The only hard part, for us, was cutting around the jagged and uneven edges of our large stone fireplace. My husband made a pattern, using a pattern tool from Lowes and did that cutting. I installed most of the rest of the floor myself, cutting the planks with a vinyl tile cutter that looks like a paper cutter. I highly recommend getting one as it makes the job really easy and fast. We borrowed ours, but they are not all that expensive and would be worth the cost to buy. 

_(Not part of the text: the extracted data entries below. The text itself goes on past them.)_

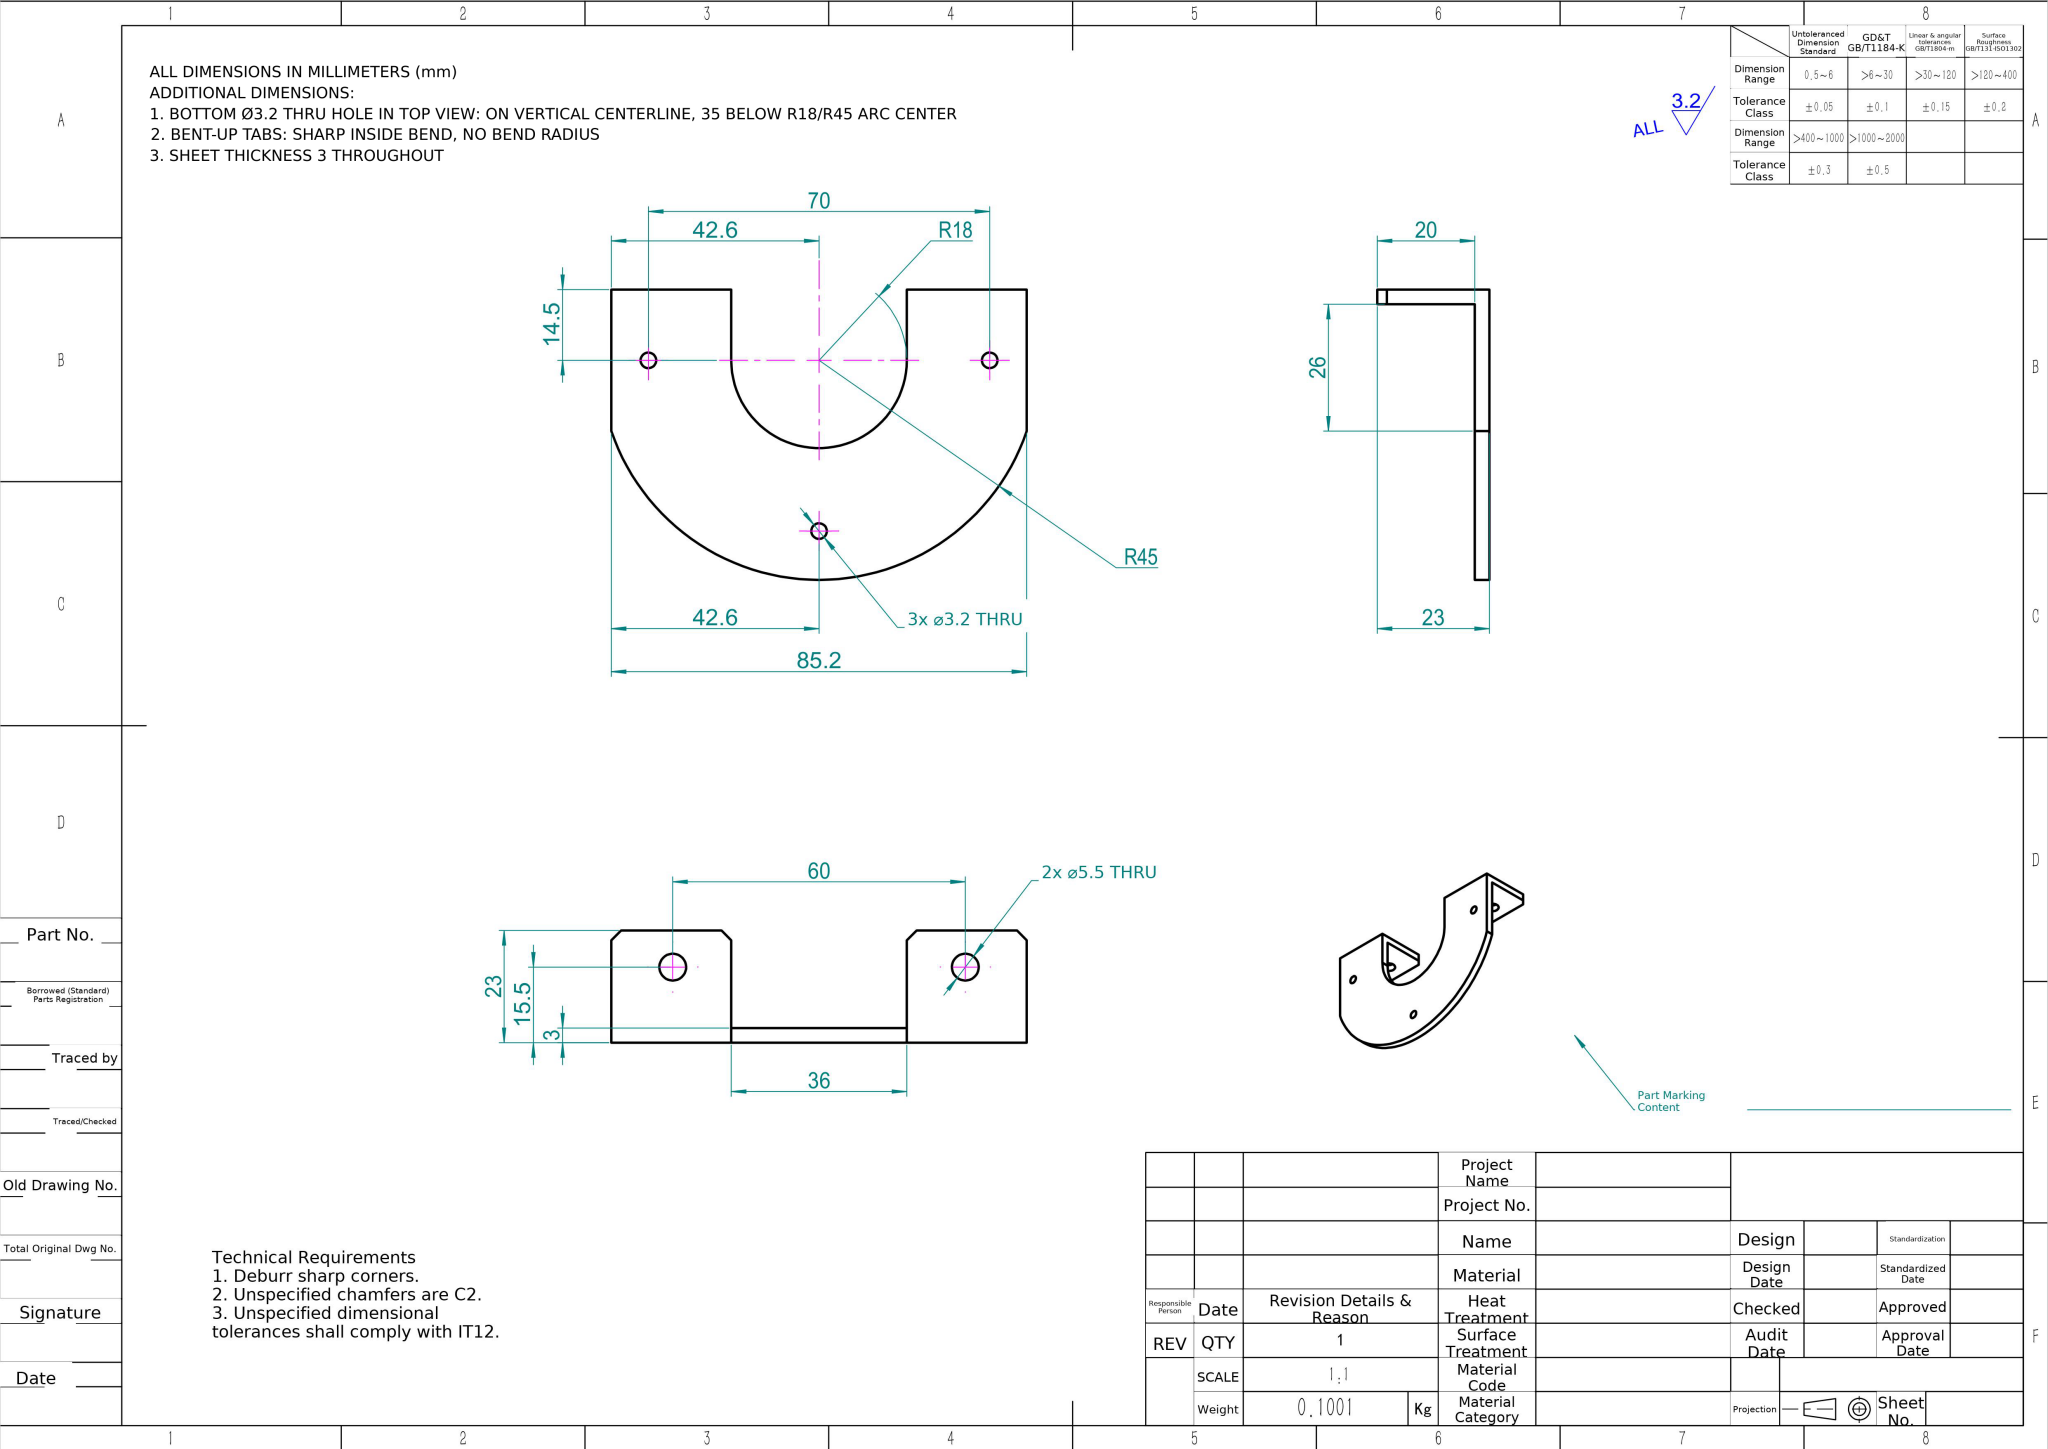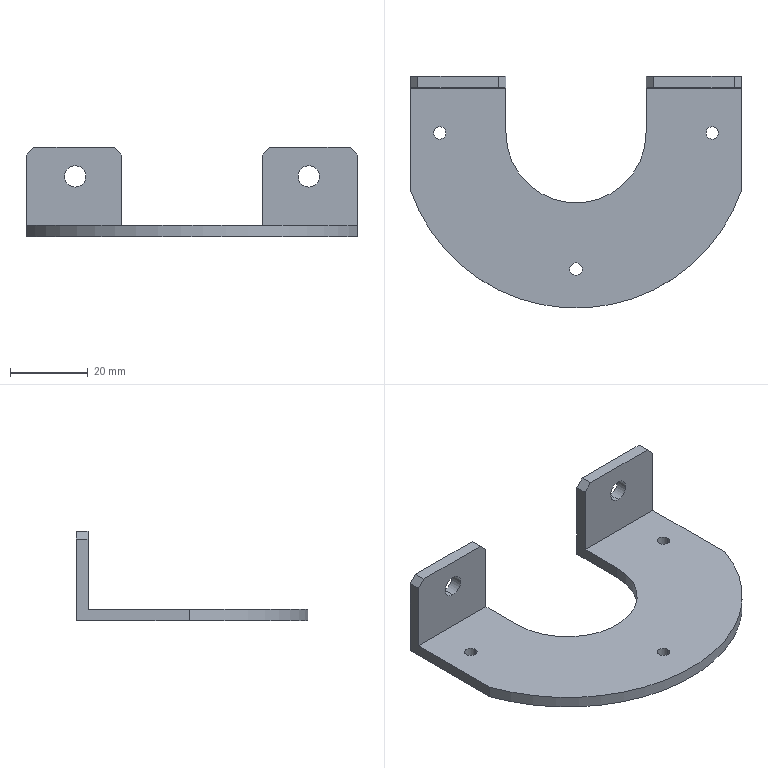Part | NX | mm | 1 solid | 28 faces | box 85.2 x 59.5 x 23 mm | volume 12729 mm3 | plane 16 | cylinder 12 | commonest cylinder face diameters 3.2 x6 5.5 x4 90 x1 36 x1
STEP:
#1=CARTESIAN_POINT('',(-36.6,0.,-0.));
#2=VERTEX_POINT('',#1);
#3=CARTESIAN_POINT('',(-33.4,0.,-0.));
#4=VERTEX_POINT('',#3);
#5=CARTESIAN_POINT('',(-35.,0.,-0.));
#6=DIRECTION('',(-0.,-0.,1.));
#7=DIRECTION('',(1.,0.,0.));
#8=AXIS2_PLACEMENT_3D('',#5,#6,#7);
#9=CIRCLE('',#8,1.6);
#10=EDGE_CURVE('',#2,#4,#9,.T.);
#11=ORIENTED_EDGE('',*,*,#10,.F.);
#12=CARTESIAN_POINT('',(-36.6,0.,3.));
#13=VERTEX_POINT('',#12);
#14=CARTESIAN_POINT('',(-36.6,0.,-0.));
#15=DIRECTION('',(-0.,-0.,1.));
#16=VECTOR('',#15,1000.);
#17=LINE('',#14,#16);
#18=EDGE_CURVE('',#2,#13,#17,.T.);
#19=ORIENTED_EDGE('',*,*,#18,.T.);
#20=CARTESIAN_POINT('',(-33.4,0.,3.));
#21=VERTEX_POINT('',#20);
#22=CARTESIAN_POINT('',(-35.,0.,3.));
#23=DIRECTION('',(-0.,-0.,1.));
#24=DIRECTION('',(1.,0.,0.));
#25=AXIS2_PLACEMENT_3D('',#22,#23,#24);
#26=CIRCLE('',#25,1.6);
#27=EDGE_CURVE('',#13,#21,#26,.T.);
#28=ORIENTED_EDGE('',*,*,#27,.T.);
#29=CARTESIAN_POINT('',(-33.4,0.,-0.));
#30=DIRECTION('',(-0.,-0.,1.));
#31=VECTOR('',#30,1000.);
#32=LINE('',#29,#31);
#33=EDGE_CURVE('',#4,#21,#32,.T.);
#34=ORIENTED_EDGE('',*,*,#33,.F.);
#35=EDGE_LOOP('',(#11,#19,#28,#34));
#36=FACE_OUTER_BOUND('',#35,.T.);
#37=CARTESIAN_POINT('',(-35.,0.,-0.));
#38=DIRECTION('',(-0.,-0.,1.));
#39=DIRECTION('',(1.,0.,0.));
#40=AXIS2_PLACEMENT_3D('',#37,#38,#39);
#41=CYLINDRICAL_SURFACE('',#40,1.6);
#42=ADVANCED_FACE('',(#36),#41,.F.);
#43=CARTESIAN_POINT('',(-1.6,-35.,-0.));
#44=VERTEX_POINT('',#43);
#45=CARTESIAN_POINT('',(1.6,-35.,0.));
#46=VERTEX_POINT('',#45);
#47=CARTESIAN_POINT('',(0.,-35.,0.));
#48=DIRECTION('',(-0.,-0.,1.));
#49=DIRECTION('',(1.,0.,0.));
#50=AXIS2_PLACEMENT_3D('',#47,#48,#49);
#51=CIRCLE('',#50,1.6);
#52=EDGE_CURVE('',#44,#46,#51,.T.);
#53=ORIENTED_EDGE('',*,*,#52,.F.);
#54=CARTESIAN_POINT('',(-1.6,-35.,3.));
#55=VERTEX_POINT('',#54);
#56=CARTESIAN_POINT('',(-1.6,-35.,-0.));
#57=DIRECTION('',(-0.,-0.,1.));
#58=VECTOR('',#57,1000.);
#59=LINE('',#56,#58);
#60=EDGE_CURVE('',#44,#55,#59,.T.);
#61=ORIENTED_EDGE('',*,*,#60,.T.);
#62=CARTESIAN_POINT('',(1.6,-35.,3.));
#63=VERTEX_POINT('',#62);
#64=CARTESIAN_POINT('',(-0.,-35.,3.));
#65=DIRECTION('',(-0.,-0.,1.));
#66=DIRECTION('',(1.,0.,0.));
#67=AXIS2_PLACEMENT_3D('',#64,#65,#66);
#68=CIRCLE('',#67,1.6);
#69=EDGE_CURVE('',#55,#63,#68,.T.);
#70=ORIENTED_EDGE('',*,*,#69,.T.);
#71=CARTESIAN_POINT('',(1.6,-35.,0.));
#72=DIRECTION('',(-0.,-0.,1.));
#73=VECTOR('',#72,1000.);
#74=LINE('',#71,#73);
#75=EDGE_CURVE('',#46,#63,#74,.T.);
#76=ORIENTED_EDGE('',*,*,#75,.F.);
#77=EDGE_LOOP('',(#53,#61,#70,#76));
#78=FACE_OUTER_BOUND('',#77,.T.);
#79=CARTESIAN_POINT('',(0.,-35.,0.));
#80=DIRECTION('',(-0.,-0.,1.));
#81=DIRECTION('',(1.,0.,0.));
#82=AXIS2_PLACEMENT_3D('',#79,#80,#81);
#83=CYLINDRICAL_SURFACE('',#82,1.6);
#84=ADVANCED_FACE('',(#78),#83,.F.);
#85=CARTESIAN_POINT('',(33.4,0.,-0.));
#86=VERTEX_POINT('',#85);
#87=CARTESIAN_POINT('',(36.6,0.,-0.));
#88=VERTEX_POINT('',#87);
#89=CARTESIAN_POINT('',(35.,0.,-0.));
#90=DIRECTION('',(-0.,-0.,1.));
#91=DIRECTION('',(1.,0.,0.));
#92=AXIS2_PLACEMENT_3D('',#89,#90,#91);
#93=CIRCLE('',#92,1.6);
#94=EDGE_CURVE('',#86,#88,#93,.T.);
#95=ORIENTED_EDGE('',*,*,#94,.F.);
#96=CARTESIAN_POINT('',(33.4,0.,3.));
#97=VERTEX_POINT('',#96);
#98=CARTESIAN_POINT('',(33.4,0.,-0.));
#99=DIRECTION('',(-0.,-0.,1.));
#100=VECTOR('',#99,1000.);
#101=LINE('',#98,#100);
#102=EDGE_CURVE('',#86,#97,#101,.T.);
#103=ORIENTED_EDGE('',*,*,#102,.T.);
#104=CARTESIAN_POINT('',(36.6,0.,3.));
#105=VERTEX_POINT('',#104);
#106=CARTESIAN_POINT('',(35.,0.,3.));
#107=DIRECTION('',(-0.,-0.,1.));
#108=DIRECTION('',(1.,0.,0.));
#109=AXIS2_PLACEMENT_3D('',#106,#107,#108);
#110=CIRCLE('',#109,1.6);
#111=EDGE_CURVE('',#97,#105,#110,.T.);
#112=ORIENTED_EDGE('',*,*,#111,.T.);
#113=CARTESIAN_POINT('',(36.6,0.,-0.));
#114=DIRECTION('',(-0.,-0.,1.));
#115=VECTOR('',#114,1000.);
#116=LINE('',#113,#115);
#117=EDGE_CURVE('',#88,#105,#116,.T.);
#118=ORIENTED_EDGE('',*,*,#117,.F.);
#119=EDGE_LOOP('',(#95,#103,#112,#118));
#120=FACE_OUTER_BOUND('',#119,.T.);
#121=CARTESIAN_POINT('',(35.,0.,-0.));
#122=DIRECTION('',(-0.,-0.,1.));
#123=DIRECTION('',(1.,0.,0.));
#124=AXIS2_PLACEMENT_3D('',#121,#122,#123);
#125=CYLINDRICAL_SURFACE('',#124,1.6);
#126=ADVANCED_FACE('',(#120),#125,.F.);
#127=CARTESIAN_POINT('',(-30.,14.5,18.25));
#128=VERTEX_POINT('',#127);
#129=CARTESIAN_POINT('',(-30.,14.5,12.75));
#130=VERTEX_POINT('',#129);
#131=CARTESIAN_POINT('',(-30.,14.5,15.5));
#132=DIRECTION('',(-0.,-1.,0.));
#133=DIRECTION('',(0.,0.,-1.));
#134=AXIS2_PLACEMENT_3D('',#131,#132,#133);
#135=CIRCLE('',#134,2.75);
#136=EDGE_CURVE('',#128,#130,#135,.T.);
#137=ORIENTED_EDGE('',*,*,#136,.F.);
#138=CARTESIAN_POINT('',(-30.,11.5,18.25));
#139=VERTEX_POINT('',#138);
#140=CARTESIAN_POINT('',(-30.,14.5,18.25));
#141=DIRECTION('',(-0.,-1.,0.));
#142=VECTOR('',#141,1000.);
#143=LINE('',#140,#142);
#144=EDGE_CURVE('',#128,#139,#143,.T.);
#145=ORIENTED_EDGE('',*,*,#144,.T.);
#146=CARTESIAN_POINT('',(-30.,11.5,12.75));
#147=VERTEX_POINT('',#146);
#148=CARTESIAN_POINT('',(-30.,11.5,15.5));
#149=DIRECTION('',(-0.,-1.,0.));
#150=DIRECTION('',(0.,0.,-1.));
#151=AXIS2_PLACEMENT_3D('',#148,#149,#150);
#152=CIRCLE('',#151,2.75);
#153=EDGE_CURVE('',#139,#147,#152,.T.);
#154=ORIENTED_EDGE('',*,*,#153,.T.);
#155=CARTESIAN_POINT('',(-30.,14.5,12.75));
#156=DIRECTION('',(-0.,-1.,0.));
#157=VECTOR('',#156,1000.);
#158=LINE('',#155,#157);
#159=EDGE_CURVE('',#130,#147,#158,.T.);
#160=ORIENTED_EDGE('',*,*,#159,.F.);
#161=EDGE_LOOP('',(#137,#145,#154,#160));
#162=FACE_OUTER_BOUND('',#161,.T.);
#163=CARTESIAN_POINT('',(-30.,14.5,15.5));
#164=DIRECTION('',(-0.,-1.,0.));
#165=DIRECTION('',(0.,0.,-1.));
#166=AXIS2_PLACEMENT_3D('',#163,#164,#165);
#167=CYLINDRICAL_SURFACE('',#166,2.75);
#168=ADVANCED_FACE('',(#162),#167,.F.);
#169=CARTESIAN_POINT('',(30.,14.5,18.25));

After I finished, I was able to step back and look at the floor with a discerning eye and spotted several places where I felt I had laid a repeating pattern too closely together. Normally, you would be stuck with it unless you redid the whole floor. But, I just took the hose on my shop vac and suctioned up a plank (you can also use a knife and pry one up, but I recommend the vacuum method) and dropped another one in. A repair would be that easy! I bought two extra boxes for repairs, but they have not been necessary, so far.

*Installation tips:*


 Unlike a floating floor, start by installing a row with the long edge of the plank very tight up against the wall. Do NOT start in the center of the room. If you are concerned about the width of the plank being even on each side of the room, simply measure the room first and calculate how wide your first plank should be and cut, lengthwise, accordingly. Trust me, even if you end up a little off, no one will notice if you end up an inch difference in plank width from one side of the room to the other.

 I don’t know that it matters whether you remove your baseboard first, or not. Our baseboard was off so ours goes under the baseboard and that would be my preference.

 *MOST IMPORTANT!* Tamp each piece of plank in tightly as you lay it, and again when you lay the next row. I found that a small piece cut off from the end of a plank worked well as a tamper, using the uncut edge. As I laid each piece, I tapped it down the side of the long edge with the tamper to push it tightly against the wall or against the piece next to it. When you work your way down the next row, be sure to tamp the previous row a second time (it loosens up some before you get back to it), then lay the next plank, tamping that one into place.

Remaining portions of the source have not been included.